But what was before that moment inside the baby’s head according to Pixar? Nothing. Blackness. Darkness. It was empty. There was a baby body without feelings, emotions, thoughts, awareness — not fully human. In other words, before that moment there was no authentic human experience to worry about. Of course this is entirely false scientifically as well as biblically. Ultrasound technology show us babies bouncing and kicking, sucking their thumbs, and studies suggest that babies hear and recognize sounds as early as 16 weeks gestation, specifically responding to the sounds of the father’s and mother’s voices.

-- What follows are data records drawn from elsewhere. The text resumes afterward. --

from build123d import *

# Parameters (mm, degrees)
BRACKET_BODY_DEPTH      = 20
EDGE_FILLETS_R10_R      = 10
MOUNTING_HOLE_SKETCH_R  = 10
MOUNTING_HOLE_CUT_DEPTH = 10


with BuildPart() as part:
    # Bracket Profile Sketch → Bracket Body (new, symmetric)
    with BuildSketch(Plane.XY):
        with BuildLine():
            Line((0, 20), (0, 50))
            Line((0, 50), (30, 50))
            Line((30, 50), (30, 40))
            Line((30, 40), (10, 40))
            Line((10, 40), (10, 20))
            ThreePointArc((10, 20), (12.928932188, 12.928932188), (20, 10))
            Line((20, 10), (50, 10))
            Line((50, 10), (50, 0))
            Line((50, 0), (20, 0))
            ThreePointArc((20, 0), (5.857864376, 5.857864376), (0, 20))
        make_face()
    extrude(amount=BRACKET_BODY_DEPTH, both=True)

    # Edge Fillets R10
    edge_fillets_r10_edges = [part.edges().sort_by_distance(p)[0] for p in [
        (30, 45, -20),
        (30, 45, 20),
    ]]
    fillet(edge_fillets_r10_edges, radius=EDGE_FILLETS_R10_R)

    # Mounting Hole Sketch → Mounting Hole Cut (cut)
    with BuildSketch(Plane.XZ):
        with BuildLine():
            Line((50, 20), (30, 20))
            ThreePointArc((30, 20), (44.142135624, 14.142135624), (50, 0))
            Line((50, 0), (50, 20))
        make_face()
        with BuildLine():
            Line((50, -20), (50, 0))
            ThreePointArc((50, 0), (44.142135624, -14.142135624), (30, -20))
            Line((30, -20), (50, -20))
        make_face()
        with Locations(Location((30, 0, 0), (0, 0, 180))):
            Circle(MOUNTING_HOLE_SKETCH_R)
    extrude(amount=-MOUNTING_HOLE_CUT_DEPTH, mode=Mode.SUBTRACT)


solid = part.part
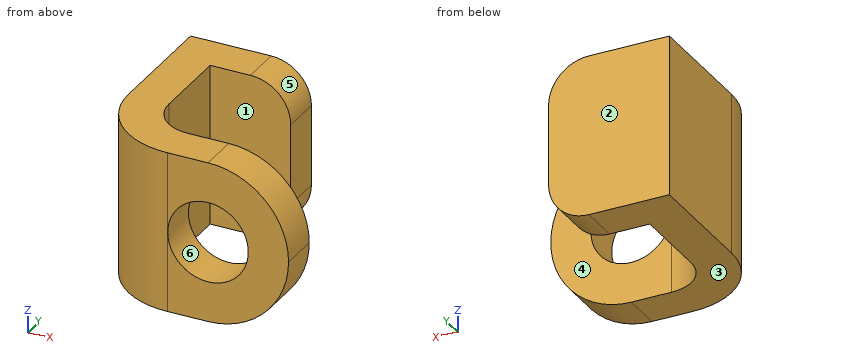
Could you check a few things on this model? Use its own coordinates, in mm. Face numbers are marked on the shaded views. A direction names the side the tool comes from. Coordinates: 2 decimals unless noted, no trailing zeros. Order: outer loops, then holes, each group sorted by start corner. A loop starts at its lowest first (then second) coordinate and runs counter-clockwise, first axis right, second up.
Q1. Suppose I cut it at A-A on x = 18.5. Please give me the cut outline in (y, z).
Q2. Suppose I cut it at C-C on x = 24.5. Please give me the cut outline in (y, z).
Q3. Suppose I cut it at B-B on z = 7. Please give me the cut outline in (x, y) (3 decimals), and give its area (3 significant figures).
Q4. Which directions (+Z, -Z, +X, -X, +Y, -Y) give clear straight access to the entire face, cutting with the end or side of a thin tool? Please do the marked faces 4, 5 and 6.
Q5. Suppose I cut it at D-D on y = 32. Please give me the cut outline in (x, z).
Q6. Will these pins go through, and if not, where does the flat tip stop? pin 1 (8 mm diameter, centred on y = 47.5, z = 3, fed in from +X); pin 2 (5 mm diameter, centred on y = 37, z = -8.5, fed in from +X); pin 3 (2 mm diameter, centred on x = 15, z = -10.5, fed in from -Y).
Q7. Please list where these lines run through material, in increasing order: L1, parallel to Z at x = 30, y = 6; L2, parallel to Y at x = 20.5, z = 13; L3, parallel to Z at x = 24, y = 7.5.
Q8. Thinking about a two-plate mould opening in Y: for the marked faces 1, 2 and 3, which applies, released by +Y, released by -Y, zero draft, split by the parting line, or undercut?
Answer:
1. outline: (0.06, -20) - (10.11, -20) - (10.11, 20) - (0.06, 20) - close; (40, -20) - (50, -20) - (50, 20) - (40, 20) - close
2. outline: (0, -20) - (10, -20) - (10, -8.35) - (0, -8.35) - close; (0, 8.35) - (10, 8.35) - (10, 20) - (0, 20) - close; (40, -18.93) - (50, -18.93) - (50, 18.93) - (40, 18.93) - close
3. outline: (0, 20) arc R20 ccw to (20, 0) - (22.859, 0) - (22.859, 10) - (20, 10) arc R10 cw to (10, 20) - (10, 40) - (30, 40) - (30, 50) - (0, 50) - close; (37.141, 0) - (48.735, 0) - (48.735, 10) - (37.141, 10) - close
3. area: 880 mm2
4. face 4: +Z, -Z, +X
4. face 5: +Z, +X, +Y
4. face 6: -Y
5. outline: (0, -20) - (10, -20) - (10, 20) - (0, 20) - close
6. pin 1: stops at x = 30
6. pin 2: stops at x = 10
6. pin 3: stops at y = 0.4
7. L1: z = -20 to -10, 10 to 20
7. L2: y = 0 to 10, 40 to 50
7. L3: z = -20 to -8, 8 to 20
8. face 1: undercut
8. face 2: released by +Y
8. face 3: zero draft

But biblically, the Word is even more clear: “I will praise You, for I am fearfully and wonderfully made; marvelous are Your works, and that my soul knows very well. My frame was not hidden from You, when I was made in secret, and skillfully wrought in the lowest parts of the earth. Your eyes saw my substance, being yet unformed. And in Your book they all were written, the days fashioned for me, when as yet there were none of them.” (Ps. 139:14-16)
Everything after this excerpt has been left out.